Menurut Sukarmin, pelabuhan di Mempawah lebih memungkinkan. Alasannya, di Bengkayang ada tambang. Kalau dalam satu hari ada produksi sekitar 5.000 ton, kalau satu truk 500 kubik, berarti akan ada 100 truk beroperasi. Di Lumar, Bengkayang ada tambang mangan. Namun, tidak bisa produksi karena tidak ada pelabuhan. Ada tambang kaolin di Capkala, Bengkayang. Kaolin yang sudah diproses atau dibentuk dinamakan Clay. Bahan itu bisa digunakan menyaring air asin ke air tawar. Setelah disurvei, dimungkinkan untuk ditambang. Namun, karena terbentur dengan masalah pelabuhan, akhirnya investor mundur.

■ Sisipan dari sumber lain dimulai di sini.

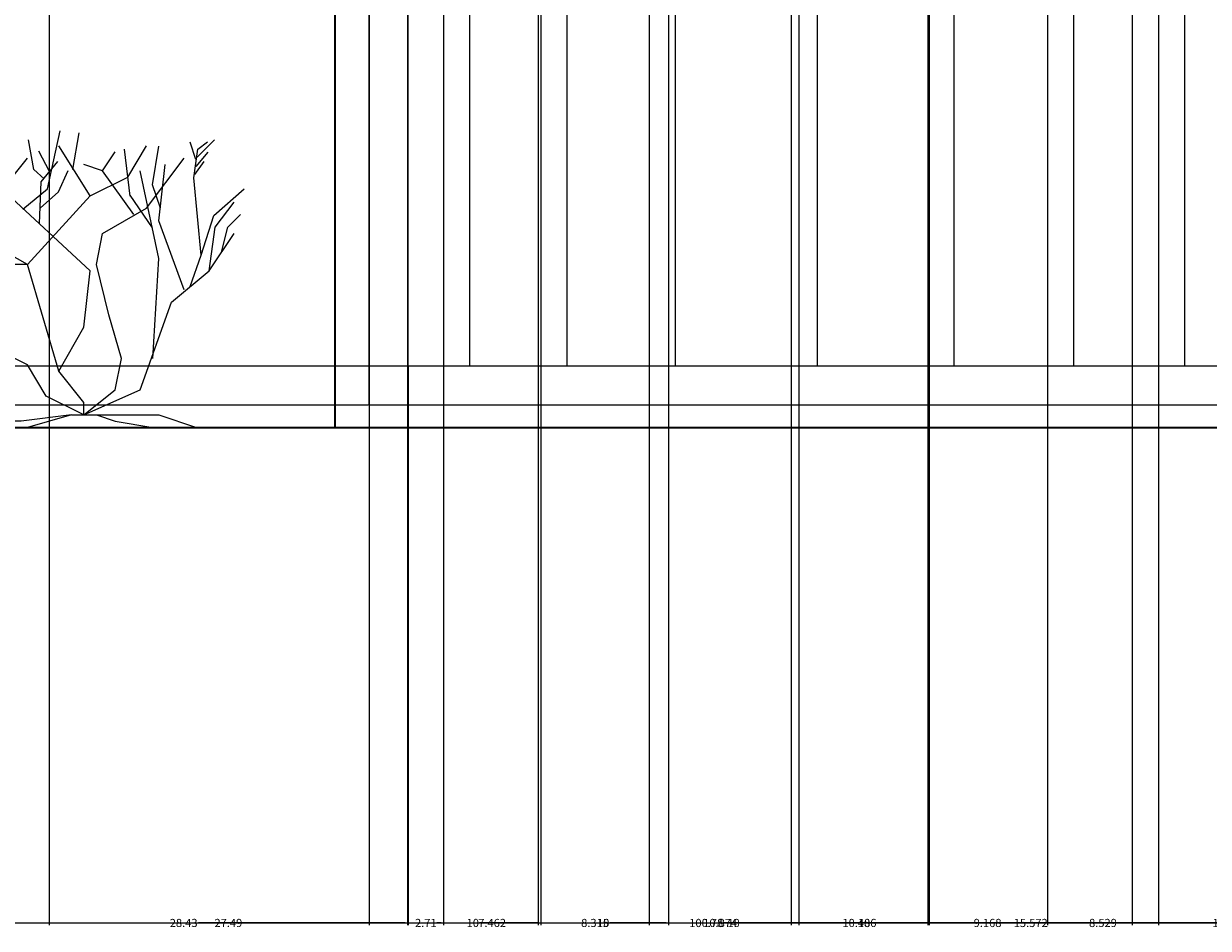
# Model space of a CAD drawing. Units: inches. Extents: x -13 to 809, y 112 to 656.
# Tile 18 of 55: x 339 to 430, y 112 to 181. Entities that reach past the tile are written whole.
import ezdxf

# ---------------------------------------------------------------- set-up
doc = ezdxf.new("R2010")
doc.units = ezdxf.units.IN
doc.header["$MEASUREMENT"] = 0
for name, color, linetype, lineweight in [('A-ANNO-DIMS', 2, 'Continuous', 18), ('A-DOOR', 4, 'Continuous', 25), ('A-ELEV', 7, 'Continuous', 35), ('L-PLNT', 3, 'Continuous', 18)]:
    doc.layers.add(name, color=color, linetype=linetype, lineweight=lineweight)
doc.styles.get("Standard").update_dxf_attribs({"font": 'arial.ttf'})
doc.dimstyles.get("Standard").update_dxf_attribs({"dimtxt": 0.625, "dimasz": 0.18, "dimexe": 0.18, "dimexo": 0.0625, "dimgap": 0.09, "dimtad": 0, "dimtih": 1, "dimtoh": 1, "dimdec": 4, "dimzin": 0, "dimdsep": 46, "dimlunit": 4, "dimtxsty": 'Standard', "dimcen": 0.09, "dimadec": 0, "dimazin": 0, "dimtfac": 1, "dimtdec": 4, "dimtofl": 0, "dimtmove": 0, "dimatfit": 3, "dimfxl": 1, "dimtolj": 1, "dimtzin": 0, "dimarcsym": 0})

# ---------------------------------------------------------------- blocks, each defined once
blk = doc.blocks.new('Shrub - elevation')
for p, q in [((-11.433, 18.289), (-10.457, 22.749)), ((-12.471, 19.775), (-12.898, 22.044)), ((-9.48, 19.775), (-8.992, 22.592)), ((-0.508, 21.888), (-0.081, 20.558)), ((0.041, 20.714), (1.384, 22.044)), ((0.102, 21.34), (0.835, 21.888)), ((-11.28, 19.619), (-12.104, 21.184)), ((-8.16, 17.76), (-10.56, 21.6)), ((-7.2, 19.68), (-6.24, 21.12)), ((-5.086, 17.741), (-5.513, 21.34)), ((-5.28, 19.2), (-3.84, 21.6)), ((-3.377, 18.602), (-2.888, 21.575)), ((-0.203, 19.149), (0.102, 21.34)), ((-0.02, 20.01), (0.896, 21.105)), ((-14.88, 18.24), (-12.96, 20.64)), ((-11.921, 18.836), (-10.64, 20.401)), ((-7.2, 19.68), (-8.64, 20.16)), ((-3.84, 16.8), (-0.96, 20.64)), ((-2.88, 15.84), (-2.4, 20.16)), ((-0.142, 19.384), (0.59, 20.401)), ((-14.88, 18.24), (-17.76, 19.2)), ((-16.8, 16.32), (-15.36, 19.68)), ((-11.677, 19.071), (-12.471, 19.775)), ((-10.579, 18.054), (-9.846, 19.697)), ((-8.16, 17.76), (-5.28, 19.2)), ((-4.8, 16.32), (-7.2, 19.68)), ((-2.88, 12.96), (-4.32, 19.68)), ((0.346, 13.203), (-0.203, 19.149)), ((-16.8, 16.32), (-18.72, 18.72)), ((-8.16, 12), (-14.88, 18.24)), ((-13.325, 16.724), (-11.433, 18.289)), ((-12.043, 15.628), (-11.921, 18.836)), ((-2.766, 16.802), (-3.377, 18.602)), ((1.323, 16.254), (3.642, 18.289)), ((-12.96, 12.48), (-8.16, 17.76)), ((-11.982, 16.802), (-10.579, 18.054)), ((-3.377, 15.315), (-5.086, 17.819)), ((1.44, 15.36), (2.88, 17.28)), ((-18.24, 11.04), (-21.755, 16.655)), ((-7.2, 14.88), (-3.84, 16.8)), ((-12.96, 12.48), (-19.68, 16.32)), ((-16.8, 12.48), (-16.8, 16.32)), ((-0.96, 10.56), (-2.88, 15.84)), ((0.346, 13.203), (1.323, 16.254)), ((2.4, 15.36), (3.36, 16.32)), ((-13.92, 12.48), (-19.2, 14.88)), ((-7.68, 12.48), (-7.2, 14.88)), ((0.96, 12), (1.44, 15.36)), ((0.96, 12), (2.88, 14.88)), ((1.92, 13.44), (2.4, 15.36)), ((-16.8, 12.48), (-17.76, 12.96)), ((-3.36, 5.28), (-2.88, 12.96)), ((-0.48, 10.8), (0.346, 13.203)), ((-17.76, 8.64), (-23.663, 11.961)), ((-15.84, 8.16), (-16.8, 12.48)), ((-12.96, 12.48), (-13.92, 12.48)), ((-10.56, 4.32), (-12.96, 12.48)), ((-8.64, 7.68), (-8.16, 12)), ((-6.72, 8.64), (-7.68, 12.48)), ((-1.92, 9.6), (0.96, 12)), ((-18.24, 11.04), (-20.16, 11.52)), ((-15.84, 8.16), (-18.24, 11.04)), ((-17.76, 8.64), (-23.128, 9.222)), ((-4.32, 2.88), (-1.92, 9.6)), ((-14.88, 5.76), (-17.76, 8.64)), ((-5.76, 5.28), (-6.72, 8.64)), ((-14.88, 5.76), (-15.84, 8.16)), ((-10.56, 4.32), (-8.64, 7.68)), ((-16.32, 7.2), (-18.24, 7.2)), ((-12.96, 4.8), (-14.88, 5.76)), ((-11.52, 2.4), (-12.96, 4.8)), ((-6.24, 2.88), (-5.76, 5.28)), ((-8.64, 1.92), (-10.56, 4.32)), ((-8.64, 0.96), (-4.32, 2.88)), ((-8.64, 0.96), (-6.24, 2.88)), ((-8.64, 0.96), (-11.52, 2.4)), ((-8.64, 0.96), (-8.64, 1.92)), ((-9.6, 0.96), (-13.44, 0.48)), ((-9.6, 0.96), (-12.96, 0)), ((-9.6, 0.96), (-7.68, 0.96)), ((-8.64, 0.96), (-2.88, 0.96)), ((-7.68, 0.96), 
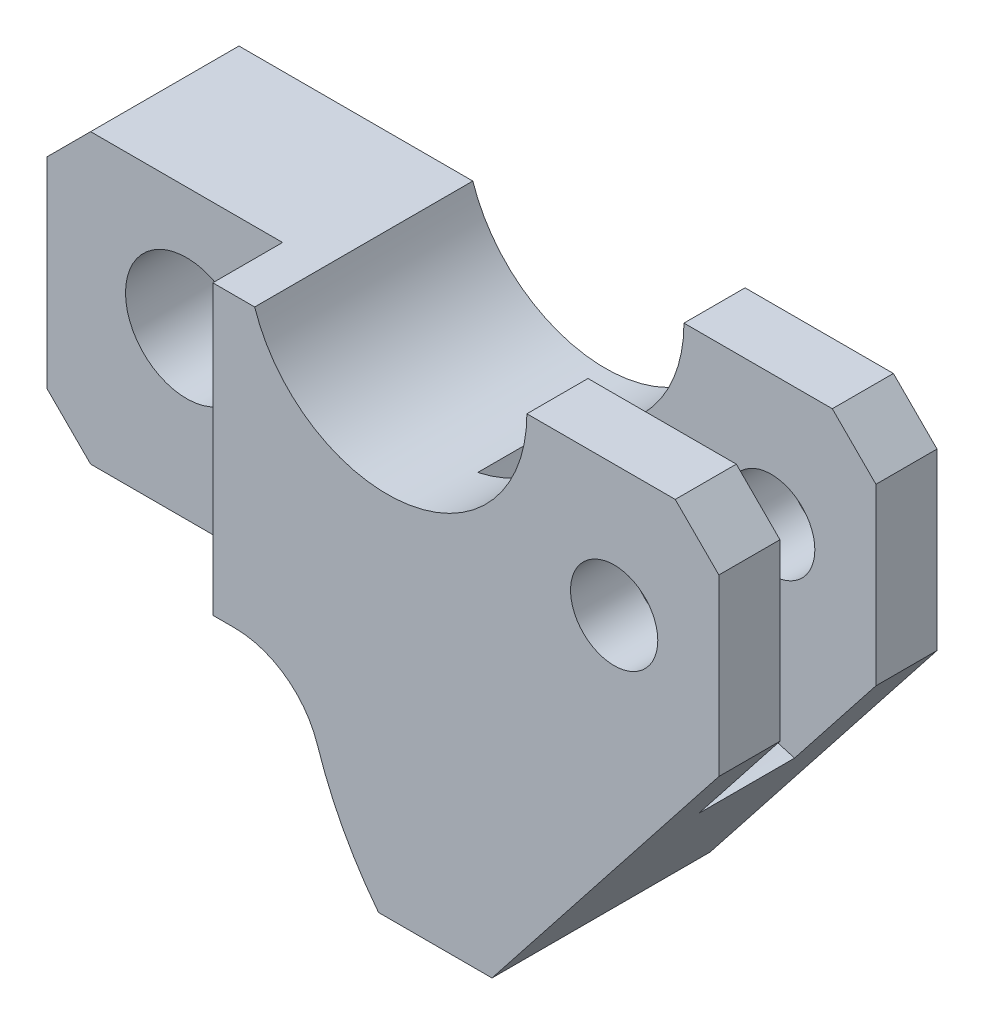
ISO-10303-21;
HEADER;
FILE_DESCRIPTION(('STEP AP214'),'2;1');
FILE_NAME('part.step','',(''),(''),'','','');
FILE_SCHEMA(('AUTOMOTIVE_DESIGN { 1 0 10303 214 1 1 1 1 }'));
ENDSEC;
DATA;
#1=APPLICATION_CONTEXT('core data for automotive mechanical design processes');
#2=APPLICATION_PROTOCOL_DEFINITION('international standard','automotive_design',2000,#1);
#3=PRODUCT_CONTEXT('',#1,'mechanical');
#4=PRODUCT('Part','Part','',(#3));
#5=PRODUCT_RELATED_PRODUCT_CATEGORY('part','',(#4));
#6=PRODUCT_DEFINITION_FORMATION('','',#4);
#7=PRODUCT_DEFINITION_CONTEXT('part definition',#1,'design');
#8=PRODUCT_DEFINITION('design','',#6,#7);
#9=PRODUCT_DEFINITION_SHAPE('','',#8);
#10=(LENGTH_UNIT() NAMED_UNIT(*) SI_UNIT(.MILLI.,.METRE.));
#11=(NAMED_UNIT(*) PLANE_ANGLE_UNIT() SI_UNIT($,.RADIAN.));
#12=(NAMED_UNIT(*) SI_UNIT($,.STERADIAN.) SOLID_ANGLE_UNIT());
#13=UNCERTAINTY_MEASURE_WITH_UNIT(LENGTH_MEASURE(1.E-05),#10,'distance_accuracy_value','');
#14=(GEOMETRIC_REPRESENTATION_CONTEXT(3) GLOBAL_UNCERTAINTY_ASSIGNED_CONTEXT((#13)) GLOBAL_UNIT_ASSIGNED_CONTEXT((#10,
#11,#12)) REPRESENTATION_CONTEXT('',''));
#15=CARTESIAN_POINT('',(0.,0.,0.));
#16=DIRECTION('',(0.,0.,1.));
#17=DIRECTION('',(1.,0.,0.));
#18=AXIS2_PLACEMENT_3D('',#15,#16,#17);
#19=CARTESIAN_POINT('',(0.,-3.84,12.5));
#20=DIRECTION('',(0.,0.,-1.));
#21=DIRECTION('',(-1.,0.,0.));
#22=AXIS2_PLACEMENT_3D('',#19,#20,#21);
#23=CYLINDRICAL_SURFACE('',#22,16.);
#24=CARTESIAN_POINT('',(0.,-3.84,-5.5));
#25=DIRECTION('',(0.,0.,1.));
#26=DIRECTION('',(1.,0.,0.));
#27=AXIS2_PLACEMENT_3D('',#24,#25,#26);
#28=CIRCLE('',#27,16.);
#29=CARTESIAN_POINT('',(16.,-3.84,-5.5));
#30=VERTEX_POINT('',#29);
#31=CARTESIAN_POINT('',(3.3684210526316,-19.4814110492688,-5.5));
#32=VERTEX_POINT('',#31);
#33=EDGE_CURVE('E222',#30,#32,#28,.F.);
#34=ORIENTED_EDGE('',*,*,#33,.F.);
#35=DIRECTION('',(0.,0.,-1.));
#36=VECTOR('',#35,1.);
#37=CARTESIAN_POINT('',(16.,-3.84,12.5));
#38=LINE('',#37,#36);
#39=CARTESIAN_POINT('',(16.,-3.84,-12.5));
#40=VERTEX_POINT('',#39);
#41=EDGE_CURVE('E277',#30,#40,#38,.T.);
#42=ORIENTED_EDGE('',*,*,#41,.T.);
#43=CARTESIAN_POINT('',(0.,-3.84,-12.5));
#44=DIRECTION('',(0.,0.,-1.));
#45=DIRECTION('',(1.,0.,0.));
#46=AXIS2_PLACEMENT_3D('',#43,#44,#45);
#47=CIRCLE('',#46,16.);
#48=CARTESIAN_POINT('',(-15.1986841535706,-8.84,-12.5));
#49=VERTEX_POINT('',#48);
#50=EDGE_CURVE('E251',#40,#49,#47,.T.);
#51=ORIENTED_EDGE('',*,*,#50,.T.);
#52=DIRECTION('',(0.,0.,-1.));
#53=VECTOR('',#52,1.);
#54=CARTESIAN_POINT('',(-15.1986841535706,-8.84,12.5));
#55=LINE('',#54,#53);
#56=CARTESIAN_POINT('',(-15.1986841535706,-8.84,12.5));
#57=VERTEX_POINT('',#56);
#58=EDGE_CURVE('E318',#57,#49,#55,.T.);
#59=ORIENTED_EDGE('',*,*,#58,.F.);
#60=CARTESIAN_POINT('',(0.,-3.84,12.5));
#61=DIRECTION('',(0.,0.,-1.));
#62=DIRECTION('',(1.,0.,0.));
#63=AXIS2_PLACEMENT_3D('',#60,#61,#62);
#64=CIRCLE('',#63,16.);
#65=CARTESIAN_POINT('',(16.,-3.84,12.5));
#66=VERTEX_POINT('',#65);
#67=EDGE_CURVE('E255',#66,#57,#64,.T.);
#68=ORIENTED_EDGE('',*,*,#67,.F.);
#69=CARTESIAN_POINT('',(16.,-3.84,5.5));
#70=VERTEX_POINT('',#69);
#71=EDGE_CURVE('E206',#66,#70,#38,.T.);
#72=ORIENTED_EDGE('',*,*,#71,.T.);
#73=CARTESIAN_POINT('',(0.,-3.84,5.5));
#74=DIRECTION('',(0.,0.,1.));
#75=DIRECTION('',(1.,0.,0.));
#76=AXIS2_PLACEMENT_3D('',#73,#74,#75);
#77=CIRCLE('',#76,16.);
#78=CARTESIAN_POINT('',(3.3684210526316,-19.4814110492688,5.5));
#79=VERTEX_POINT('',#78);
#80=EDGE_CURVE('E200',#70,#79,#77,.F.);
#81=ORIENTED_EDGE('',*,*,#80,.T.);
#82=DIRECTION('',(0.,0.,1.));
#83=VECTOR('',#82,1.);
#84=CARTESIAN_POINT('',(3.3684210526316,-19.4814110492688,0.));
#85=LINE('',#84,#83);
#86=EDGE_CURVE('E188',#79,#32,#85,.F.);
#87=ORIENTED_EDGE('',*,*,#86,.T.);
#88=EDGE_LOOP('',(#34,#42,#51,#59,#68,#72,#81,#87));
#89=FACE_BOUND('',#88,.T.);
#90=ADVANCED_FACE('F41',(#89),#23,.F.);
#91=CARTESIAN_POINT('',(38.,-28.84,12.5));
#92=DIRECTION('',(-0.785491672227536,0.618872226603513,0.));
#93=DIRECTION('',(-0.618872226603513,-0.785491672227536,0.));
#94=AXIS2_PLACEMENT_3D('',#91,#92,#93);
#95=PLANE('',#94);
#96=DIRECTION('',(0.618872226603513,0.785491672227536,0.));
#97=VECTOR('',#96,1.);
#98=CARTESIAN_POINT('',(38.,-28.84,-5.5));
#99=LINE('',#98,#97);
#100=CARTESIAN_POINT('',(28.6733537111755,-40.677666443508,-5.5));
#101=VERTEX_POINT('',#100);
#102=CARTESIAN_POINT('',(38.,-28.84,-5.5));
#103=VERTEX_POINT('',#102);
#104=EDGE_CURVE('E218',#101,#103,#99,.T.);
#105=ORIENTED_EDGE('',*,*,#104,.F.);
#106=DIRECTION('',(0.,0.,1.));
#107=VECTOR('',#106,1.);
#108=CARTESIAN_POINT('',(28.6733537111755,-40.677666443508,-5.5));
#109=LINE('',#108,#107);
#110=CARTESIAN_POINT('',(28.6733537111755,-40.677666443508,5.5));
#111=VERTEX_POINT('',#110);
#112=EDGE_CURVE('E11',#101,#111,#109,.T.);
#113=ORIENTED_EDGE('',*,*,#112,.T.);
#114=DIRECTION('',(0.618872226603513,0.785491672227536,0.));
#115=VECTOR('',#114,1.);
#116=CARTESIAN_POINT('',(38.,-28.84,5.5));
#117=LINE('',#116,#115);
#118=CARTESIAN_POINT('',(38.,-28.84,5.5));
#119=VERTEX_POINT('',#118);
#120=EDGE_CURVE('E203',#111,#119,#117,.T.);
#121=ORIENTED_EDGE('',*,*,#120,.T.);
#122=DIRECTION('',(0.,0.,-1.));
#123=VECTOR('',#122,1.);
#124=CARTESIAN_POINT('',(38.,-28.84,12.5));
#125=LINE('',#124,#123);
#126=CARTESIAN_POINT('',(38.,-28.84,12.5));
#127=VERTEX_POINT('',#126);
#128=EDGE_CURVE('E305',#127,#119,#125,.T.);
#129=ORIENTED_EDGE('',*,*,#128,.F.);
#130=DIRECTION('',(0.618872226603513,0.785491672227535,0.));
#131=VECTOR('',#130,1.);
#132=CARTESIAN_POINT('',(38.,-28.84,12.5));
#133=LINE('',#132,#131);
#134=CARTESIAN_POINT('',(12.,-61.84,12.5));
#135=VERTEX_POINT('',#134);
#136=EDGE_CURVE('E267',#135,#127,#133,.T.);
#137=ORIENTED_EDGE('',*,*,#136,.F.);
#138=DIRECTION('',(0.,0.,-1.));
#139=VECTOR('',#138,1.);
#140=CARTESIAN_POINT('',(12.,-61.84,12.5));
#141=LINE('',#140,#139);
#142=CARTESIAN_POINT('',(12.,-61.84,-12.5));
#143=VERTEX_POINT('',#142);
#144=EDGE_CURVE('E308',#135,#143,#141,.T.);
#145=ORIENTED_EDGE('',*,*,#144,.T.);
#146=DIRECTION('',(0.618872226603513,0.785491672227535,0.));
#147=VECTOR('',#146,1.);
#148=CARTESIAN_POINT('',(38.,-28.84,-12.5));
#149=LINE('',#148,#147);
#150=CARTESIAN_POINT('',(38.,-28.84,-12.5));
#151=VERTEX_POINT('',#150);
#152=EDGE_CURVE('E291',#143,#151,#149,.T.);
#153=ORIENTED_EDGE('',*,*,#152,.T.);
#154=EDGE_CURVE('E301',#103,#151,#125,.T.);
#155=ORIENTED_EDGE('',*,*,#154,.F.);
#156=EDGE_LOOP('',(#105,#113,#121,#129,#137,#145,#153,#155));
#157=FACE_BOUND('',#156,.T.);
#158=ADVANCED_FACE('F392',(#157),#95,.F.);
#159=CARTESIAN_POINT('',(38.,-3.84,12.5));
#160=DIRECTION('',(-1.,0.,0.));
#161=DIRECTION('',(0.,-1.,0.));
#162=AXIS2_PLACEMENT_3D('',#159,#160,#161);
#163=PLANE('',#162);
#164=DIRECTION('',(0.,1.,0.));
#165=VECTOR('',#164,1.);
#166=CARTESIAN_POINT('',(38.,-3.84,-5.5));
#167=LINE('',#166,#165);
#168=CARTESIAN_POINT('',(38.,-8.84000000000001,-5.5));
#169=VERTEX_POINT('',#168);
#170=EDGE_CURVE('E220',#103,#169,#167,.T.);
#171=ORIENTED_EDGE('',*,*,#170,.F.);
#172=ORIENTED_EDGE('',*,*,#154,.T.);
#173=DIRECTION('',(0.,1.,0.));
#174=VECTOR('',#173,1.);
#175=CARTESIAN_POINT('',(38.,-3.84,-12.5));
#176=LINE('',#175,#174);
#177=CARTESIAN_POINT('',(38.,-8.84000000000001,-12.5));
#178=VERTEX_POINT('',#177);
#179=EDGE_CURVE('E298',#151,#178,#176,.T.);
#180=ORIENTED_EDGE('',*,*,#179,.T.);
#181=DIRECTION('',(0.,0.,1.));
#182=VECTOR('',#181,1.);
#183=CARTESIAN_POINT('',(38.,-8.84000000000001,12.5));
#184=LINE('',#183,#182);
#185=EDGE_CURVE('E343',#178,#169,#184,.T.);
#186=ORIENTED_EDGE('',*,*,#185,.T.);
#187=EDGE_LOOP('',(#171,#172,#180,#186));
#188=FACE_BOUND('',#187,.T.);
#189=ADVANCED_FACE('F357',(#188),#163,.F.);
#190=CARTESIAN_POINT('',(16.,-3.84,12.5));
#191=DIRECTION('',(0.,-1.,0.));
#192=DIRECTION('',(1.,0.,0.));
#193=AXIS2_PLACEMENT_3D('',#190,#191,#192);
#194=PLANE('',#193);
#195=DIRECTION('',(-1.,0.,0.));
#196=VECTOR('',#195,1.);
#197=CARTESIAN_POINT('',(16.,-3.84,-5.5));
#198=LINE('',#197,#196);
#199=CARTESIAN_POINT('',(33.,-3.84,-5.5));
#200=VERTEX_POINT('',#199);
#201=EDGE_CURVE('E209',#200,#30,#198,.T.);
#202=ORIENTED_EDGE('',*,*,#201,.F.);
#203=DIRECTION('',(0.,0.,-1.));
#204=VECTOR('',#203,1.);
#205=CARTESIAN_POINT('',(33.,-3.84,12.5));
#206=LINE('',#205,#204);
#207=CARTESIAN_POINT('',(33.,-3.84,-12.5));
#208=VERTEX_POINT('',#207);
#209=EDGE_CURVE('E337',#200,#208,#206,.T.);
#210=ORIENTED_EDGE('',*,*,#209,.T.);
#211=DIRECTION('',(-1.,0.,0.));
#212=VECTOR('',#211,1.);
#213=CARTESIAN_POINT('',(16.,-3.84,-12.5));
#214=LINE('',#213,#212);
#215=EDGE_CURVE('E256',#208,#40,#214,.T.);
#216=ORIENTED_EDGE('',*,*,#215,.T.);
#217=ORIENTED_EDGE('',*,*,#41,.F.);
#218=EDGE_LOOP('',(#202,#210,#216,#217));
#219=FACE_BOUND('',#218,.T.);
#220=ADVANCED_FACE('F373',(#219),#194,.F.);
#221=CARTESIAN_POINT('',(26.,-18.84,12.5));
#222=DIRECTION('',(0.,0.,-1.));
#223=DIRECTION('',(-1.,0.,0.));
#224=AXIS2_PLACEMENT_3D('',#221,#222,#223);
#225=CYLINDRICAL_SURFACE('',#224,5.);
#226=CARTESIAN_POINT('',(26.,-18.84,-12.5));
#227=DIRECTION('',(0.,0.,1.));
#228=DIRECTION('',(1.,0.,0.));
#229=AXIS2_PLACEMENT_3D('',#226,#227,#228);
#230=CIRCLE('',#229,5.);
#231=CARTESIAN_POINT('',(31.,-18.84,-12.5));
#232=VERTEX_POINT('',#231);
#233=EDGE_CURVE('E242',#232,#232,#230,.T.);
#234=ORIENTED_EDGE('',*,*,#233,.F.);
#235=EDGE_LOOP('',(#234));
#236=FACE_BOUND('',#235,.T.);
#237=CARTESIAN_POINT('',(26.,-18.84,-5.5));
#238=DIRECTION('',(0.,0.,1.));
#239=DIRECTION('',(1.,0.,0.));
#240=AXIS2_PLACEMENT_3D('',#237,#238,#239);
#241=CIRCLE('',#240,5.);
#242=CARTESIAN_POINT('',(31.,-18.84,-5.5));
#243=VERTEX_POINT('',#242);
#244=EDGE_CURVE('E198',#243,#243,#241,.T.);
#245=ORIENTED_EDGE('',*,*,#244,.T.);
#246=EDGE_LOOP('',(#245));
#247=FACE_BOUND('',#246,.T.);
#248=ADVANCED_FACE('F448',(#236,#247),#225,.F.);
#249=CARTESIAN_POINT('',(33.,-3.84,12.5));
#250=DIRECTION('',(-0.707106781186548,-0.707106781186546,0.));
#251=DIRECTION('',(0.,0.,-1.));
#252=AXIS2_PLACEMENT_3D('',#249,#250,#251);
#253=PLANE('',#252);
#254=ORIENTED_EDGE('',*,*,#209,.F.);
#255=DIRECTION('',(-0.707106781186547,0.707106781186549,0.));
#256=VECTOR('',#255,1.);
#257=CARTESIAN_POINT('',(33.,-3.84,-5.5));
#258=LINE('',#257,#256);
#259=EDGE_CURVE('E49',#200,#169,#258,.F.);
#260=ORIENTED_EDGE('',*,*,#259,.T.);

Rosidi Usman, Ketua DPC INSA Pontianak menyatakan, dalam masalah pelabuhan, INSA harus dilibatkan. “Itu yang paling pokok. Strategisnya pelabuhan seperti apa, karena kita pelaku utama. Kita adalah negara kepulauan. Apabila sebagian besar bahan pokok didatangkan dari Jawa,” kata Rosidi.
Pelabuhan Kuala Mempawah, diperkirakan selesai tahun 2010. Fasilitas yang harus disiapkan adalah, gudang, dermaga, penerangan pelabuhan. “Kita ingin pelabuhan Mempawah cepat selesai, sehingga bisa dijadikan pelabuhan alternatif,” kata Rosidi.
Sekarang ini, APBN untuk membangun pelabuhan Mempawah sudah turun Rp 150 miliar. Sehingga Pemkab bisa teruskan pekerjaan. Terutama jalan msuk ke pelabuhan. Jalan masuk ke pelabuhan Kuala. Jalan masuk ke pelabuhan ikan atau TPI.